Windows 8 may drive me to Linux - mrsebastian
http://www.extremetech.com/computing/121015-windows-8-may-drive-me-to-linux

======
bradleyland
Here's a question: If you're a Windows user who is sufficiently "powered" (as
in power user), then why are you still launching things from the Start Menu?
When I was a Windows user, I rarely used the Start Menu. It was, in my view,
the worst part of Windows. Vista improved things -- please, hold your jeering
until the end of the speech -- with the type-to-search feature; conveniently
available at the press of the Windows key. In WinXP, I memorized many
application executable names so I could press winkey+R to invoke the run
dialog, then launch the app from there. Vista meant I no longer had to
memorize! Yay!

On OS X, I'm intensely addicted to Quicksilver. I know many others who use
Alfred, or even the built-in Spotlight search feature, all of which are
invoked from a readily accessible keyboard shortcut.
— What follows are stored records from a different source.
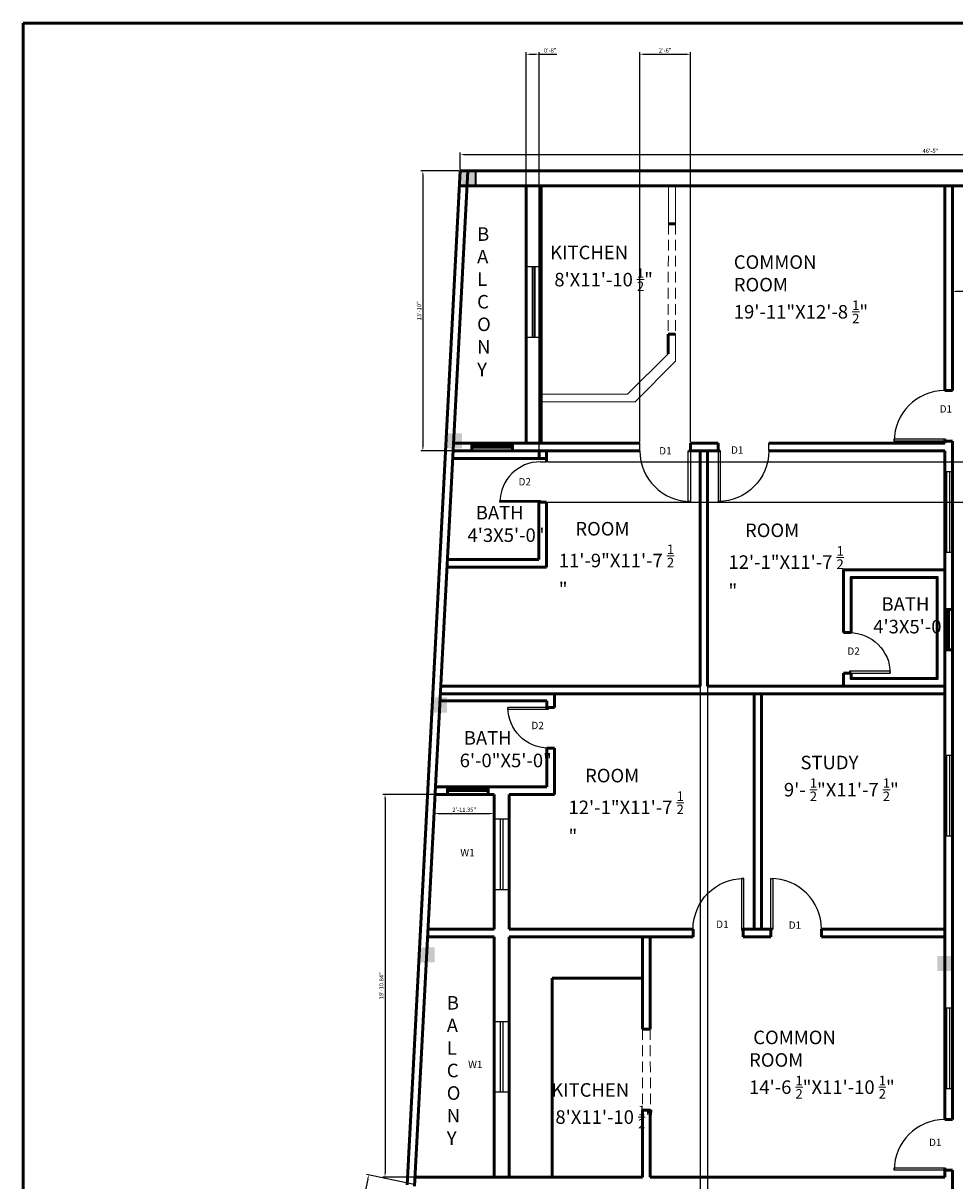
# Model space of a CAD drawing. Units: millimetres. Extents: x 1945 to 2943, y 628 to 2340.
# Tile 4 of 5: x 1945 to 2497, y 1654 to 2340. Entities that reach past the tile are written whole.
import ezdxf

# ---------------------------------------------------------------- set-up
doc = ezdxf.new("R2010")
doc.units = ezdxf.units.MM
doc.linetypes.add('DASHED', pattern=[19.05, 12.7, -6.35])
for name, color, linetype, lineweight in [('A-ANNO-DIMS', 2, 'Continuous', 18), ('A-ANNO-TEXT', 7, 'Continuous', 18), ('A-AREA-IDEN', 3, 'Continuous', 18), ('A-COLS', 1, 'Continuous', 35), ('A-DOOR', 4, 'Continuous', 25), ('A-FLOR-FIXT', 8, 'Continuous', 18), ('A-GLAZ', 4, 'Continuous', 25), ('A-WALL', 7, 'Continuous', 50), ('A-WALL-OPNG', 8, 'DASHED', 18)]:
    doc.layers.add(name, color=color, linetype=linetype, lineweight=lineweight)
doc.styles.get("Standard").update_dxf_attribs({"font": 'arial.ttf'})
doc.styles.add('YQ_DIM', font='SUPEROS.SHX', dxfattribs={"width": 0.8, "bigfont": 'HZDX.SHX'})
doc.dimstyles.new('ISO-25', dxfattribs={"dimtxt": 2.5, "dimasz": 2.5, "dimexe": 1.25, "dimexo": 0.625, "dimtad": 1, "dimlunit": 3, "dimtxsty": 'Standard', "dimcen": 2.5, "dimadec": 0, "dimazin": 0, "dimtfac": 1, "dimtmove": 0, "dimatfit": 3, "dimfxl": 1, "dimarcsym": 0})

# ---------------------------------------------------------------- blocks, each defined once
blk = doc.blocks.new('*U3')
for p, q in [((0, 0), (0, -6)), ((40, 0), (40, -6))]:
    blk.add_line(p, q)
blk.add_lwpolyline([(0, 0), (0, 40), (1.75, 40), (1.75, 0)], close=True)
blk.add_arc((0, 0), 40, 0, 90)
blk = doc.blocks.new('*D7')
at = {"layer": 'A-ANNO-DIMS', "color": 0, "lineweight": -2, "ltscale": 0.5, "transparency": 16777216}
for p, q in [((2495.1, 2172.25), (2495.1, 2182.39)), ((2633.6, 2172.25), (2633.6, 2182.39)), ((2631.1, 2181.14), (2497.6, 2181.14))]:
    blk.add_line(p, q, dxfattribs=at)
at = {"layer": 'A-ANNO-DIMS', "color": 0, "ltscale": 0.5, "transparency": 16777216}
for points in [[(2497.6, 2181.56), (2497.6, 2180.72), (2495.1, 2181.14)], [(2631.1, 2181.56), (2631.1, 2180.72), (2633.6, 2181.14)]]:
    blk.add_solid(points, dxfattribs=at)
at = {"layer": 'Defpoints', "color": 0, "ltscale": 0.5, "transparency": 16777216}
for p in [(2495.1, 2181.14), (2495.1, 2171.62), (2633.6, 2171.62)]:
    blk.add_point(p, dxfattribs=at)
at = {"layer": 'A-ANNO-DIMS', "color": 0, "ltscale": 0.5, "transparency": 16777216, "insert": (2564.35, 2183.04), "char_height": 2.5, "attachment_point": 5}
blk.add_mtext('11\'-6.5"', dxfattribs=at)
blk = doc.blocks.new('*D8')
at = {"layer": 'A-ANNO-DIMS', "color": 0, "lineweight": -2, "ltscale": 0.5, "transparency": 16777216}
for p, q in [((2202.97, 2252.62), (2180.19, 2252.62)), ((2181.44, 2250.12), (2181.44, 2089.12)), ((2198.78, 2086.62), (2180.19, 2086.62))]:
    blk.add_line(p, q, dxfattribs=at)
at = {"layer": 'A-ANNO-DIMS', "color": 0, "ltscale": 0.5, "transparency": 16777216}
for points in [[(2181.02, 2250.12), (2181.85, 2250.12), (2181.44, 2252.62)], [(2181.02, 2089.12), (2181.85, 2089.12), (2181.44, 2086.62)]]:
    blk.add_solid(points, dxfattribs=at)
at = {"layer": 'Defpoints', "color": 0, "ltscale": 0.5, "transparency": 16777216}
for p in [(2203.6, 2252.62), (2181.44, 2086.62), (2199.4, 2086.62)]:
    blk.add_point(p, dxfattribs=at)
at = {"layer": 'A-ANNO-DIMS', "color": 0, "ltscale": 0.5, "transparency": 16777216, "insert": (2179.54, 2169.62), "char_height": 2.5, "attachment_point": 5, "rotation": 90}
blk.add_mtext('13\'-10"', dxfattribs=at)
blk = doc.blocks.new('*D9')
at = {"layer": 'A-ANNO-DIMS', "color": 0, "lineweight": -2, "ltscale": 0.5, "transparency": 16777216}
for p, q in [((2188.11, 1882.96), (2157.79, 1882.96)), ((2159.04, 1880.46), (2159.04, 1658.62)), ((2176.22, 1656.12), (2157.79, 1656.12))]:
    blk.add_line(p, q, dxfattribs=at)
at = {"layer": 'A-ANNO-DIMS', "color": 0, "ltscale": 0.5, "transparency": 16777216}
for points in [[(2158.62, 1880.46), (2159.45, 1880.46), (2159.04, 1882.96)], [(2158.62, 1658.62), (2159.45, 1658.62), (2159.04, 1656.12)]]:
    blk.add_solid(points, dxfattribs=at)
at = {"layer": 'Defpoints', "color": 0, "ltscale": 0.5, "transparency": 16777216}
for p in [(2188.73, 1882.96), (2159.04, 1656.12), (2176.84, 1656.12)]:
    blk.add_point(p, dxfattribs=at)
at = {"layer": 'A-ANNO-DIMS', "color": 0, "ltscale": 0.5, "transparency": 16777216, "insert": (2157.14, 1769.54), "char_height": 2.5, "attachment_point": 5, "rotation": 90}
blk.add_mtext('18\'-10.84"', dxfattribs=at)
blk = doc.blocks.new('*D10')
at = {"layer": 'A-ANNO-DIMS', "color": 0, "lineweight": -2, "ltscale": 0.5, "transparency": 16777216}
for p, q in [((2148.79, 1654.96), (2010, 994.38)), ((2176.25, 1651.75), (2148.08, 1657.67)), ((2036.43, 986.28), (2008.27, 992.19))]:
    blk.add_line(p, q, dxfattribs=at)
at = {"layer": 'A-ANNO-DIMS', "color": 0, "ltscale": 0.5, "transparency": 16777216}
for points in [[(2148.39, 1655.05), (2149.2, 1654.88), (2149.31, 1657.41)], [(2009.6, 994.47), (2010.41, 994.3), (2009.49, 991.94)]]:
    blk.add_solid(points, dxfattribs=at)
at = {"layer": 'Defpoints', "color": 0, "ltscale": 0.5, "transparency": 16777216}
for p in [(2176.86, 1651.62), (2009.49, 991.94), (2037.04, 986.15)]:
    blk.add_point(p, dxfattribs=at)
at = {"layer": 'A-ANNO-DIMS', "color": 0, "ltscale": 0.5, "transparency": 16777216, "insert": (2077.54, 1325.06), "char_height": 2.5, "attachment_point": 5, "rotation": 78.13463}
blk.add_mtext('56\'-8"', dxfattribs=at)
blk = doc.blocks.new('*D11')
at = {"layer": 'A-ANNO-DIMS', "color": 0, "lineweight": -2, "ltscale": 0.5, "transparency": 16777216}
for p, q in [((2188.24, 1873.05), (2188.24, 1870.37)), ((2190.74, 1871.62), (2221.1, 1871.62)), ((2223.6, 1873.05), (2223.6, 1870.37))]:
    blk.add_line(p, q, dxfattribs=at)
at = {"layer": 'A-ANNO-DIMS', "color": 0, "ltscale": 0.5, "transparency": 16777216}
for points in [[(2190.74, 1872.03), (2190.74, 1871.2), (2188.24, 1871.62)], [(2221.1, 1872.03), (2221.1, 1871.2), (2223.6, 1871.62)]]:
    blk.add_solid(points, dxfattribs=at)
at = {"layer": 'Defpoints', "color": 0, "ltscale": 0.5, "transparency": 16777216}
for p in [(2188.24, 1873.68), (2223.6, 1873.68), (2223.6, 1871.62)]:
    blk.add_point(p, dxfattribs=at)
at = {"layer": 'A-ANNO-DIMS', "color": 0, "ltscale": 0.5, "transparency": 16777216, "insert": (2205.92, 1873.52), "char_height": 2.5, "attachment_point": 5}
blk.add_mtext('2\'-11.35"', dxfattribs=at)
blk = doc.blocks.new('*D17')
at = {"layer": 'A-ANNO-DIMS', "color": 0, "lineweight": -2, "transparency": 16777216}
for p, q in [((2203.6, 2253.25), (2203.6, 2263.48)), ((2206.1, 2262.23), (2758.1, 2262.23)), ((2760.6, 2253.25), (2760.6, 2263.48))]:
    blk.add_line(p, q, dxfattribs=at)
at = {"layer": 'A-ANNO-DIMS', "color": 0, "transparency": 16777216}
for points in [[(2206.1, 2262.64), (2206.1, 2261.81), (2203.6, 2262.23)], [(2758.1, 2262.64), (2758.1, 2261.81), (2760.6, 2262.23)]]:
    blk.add_solid(points, dxfattribs=at)
at = {"layer": 'Defpoints', "color": 0, "transparency": 16777216}
for p in [(2760.6, 2262.23), (2203.6, 2252.62), (2760.6, 2252.62)]:
    blk.add_point(p, dxfattribs=at)
at = {"layer": 'A-ANNO-DIMS', "color": 0, "transparency": 16777216, "insert": (2482.1, 2264.13), "char_height": 2.5, "attachment_point": 5}
blk.add_mtext('46\'-5"', dxfattribs=at)
blk = doc.blocks.new('WIN-W1')
for points in [[(0, 48), (4.5, 48), (4.5, 0), (0, 0)], [(1.29, 48), (2.82, 48), (2.82, 0), (1.29, 0)]]:
    blk.add_lwpolyline(points, close=True)
blk = doc.blocks.new('WIN-W2')
for points in [[(0, 42), (9, 42), (9, 0), (0, 0)], [(3.84, 42), (5.13, 42), (5.13, 0), (3.84, 0)]]:
    blk.add_lwpolyline(points, close=True)
blk = doc.blocks.new('*D27')
at = {"layer": 'A-ANNO-DIMS', "color": 0, "lineweight": -2, "transparency": 16777216}
for p, q in [((2309.97, 2091.75), (2309.97, 2322.97)), ((2312.47, 2321.72), (2337.47, 2321.72)), ((2339.97, 2091.75), (2339.97, 2322.97))]:
    blk.add_line(p, q, dxfattribs=at)
at = {"layer": 'A-ANNO-DIMS', "color": 0, "transparency": 16777216}
for points in [[(2312.47, 2322.14), (2312.47, 2321.3), (2309.97, 2321.72)], [(2337.47, 2322.14), (2337.47, 2321.3), (2339.97, 2321.72)]]:
    blk.add_solid(points, dxfattribs=at)
at = {"layer": 'Defpoints', "color": 0, "transparency": 16777216}
for p in [(2339.97, 2321.72), (2309.97, 2091.12), (2339.97, 2091.12)]:
    blk.add_point(p, dxfattribs=at)
at = {"layer": 'A-ANNO-DIMS', "color": 0, "transparency": 16777216, "insert": (2324.97, 2323.62), "char_height": 2.5, "attachment_point": 5}
blk.add_mtext('2\'-6"', dxfattribs=at)
blk = doc.blocks.new('*D28')
at = {"layer": 'A-ANNO-DIMS', "color": 0, "lineweight": -2, "transparency": 16777216}
for p, q in [((2255.29, 2080.13), (2830.95, 2080.13)), ((2829.7, 2058.63), (2829.7, 2077.63)), ((2255.29, 2056.13), (2830.95, 2056.13))]:
    blk.add_line(p, q, dxfattribs=at)
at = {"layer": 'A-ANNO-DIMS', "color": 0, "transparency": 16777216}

There must be a Windows equivalent? If not, here's a pro-tip for Microsoft:
build a smart launcher in to the OS, and make the back-end pluggable so others
can write their own alternatives and market them. Power users will shut up
about the new Start screen, because they'll never bother with it. The rest of
us will enjoy our shiny new dynamic tiles and can get on with our lives.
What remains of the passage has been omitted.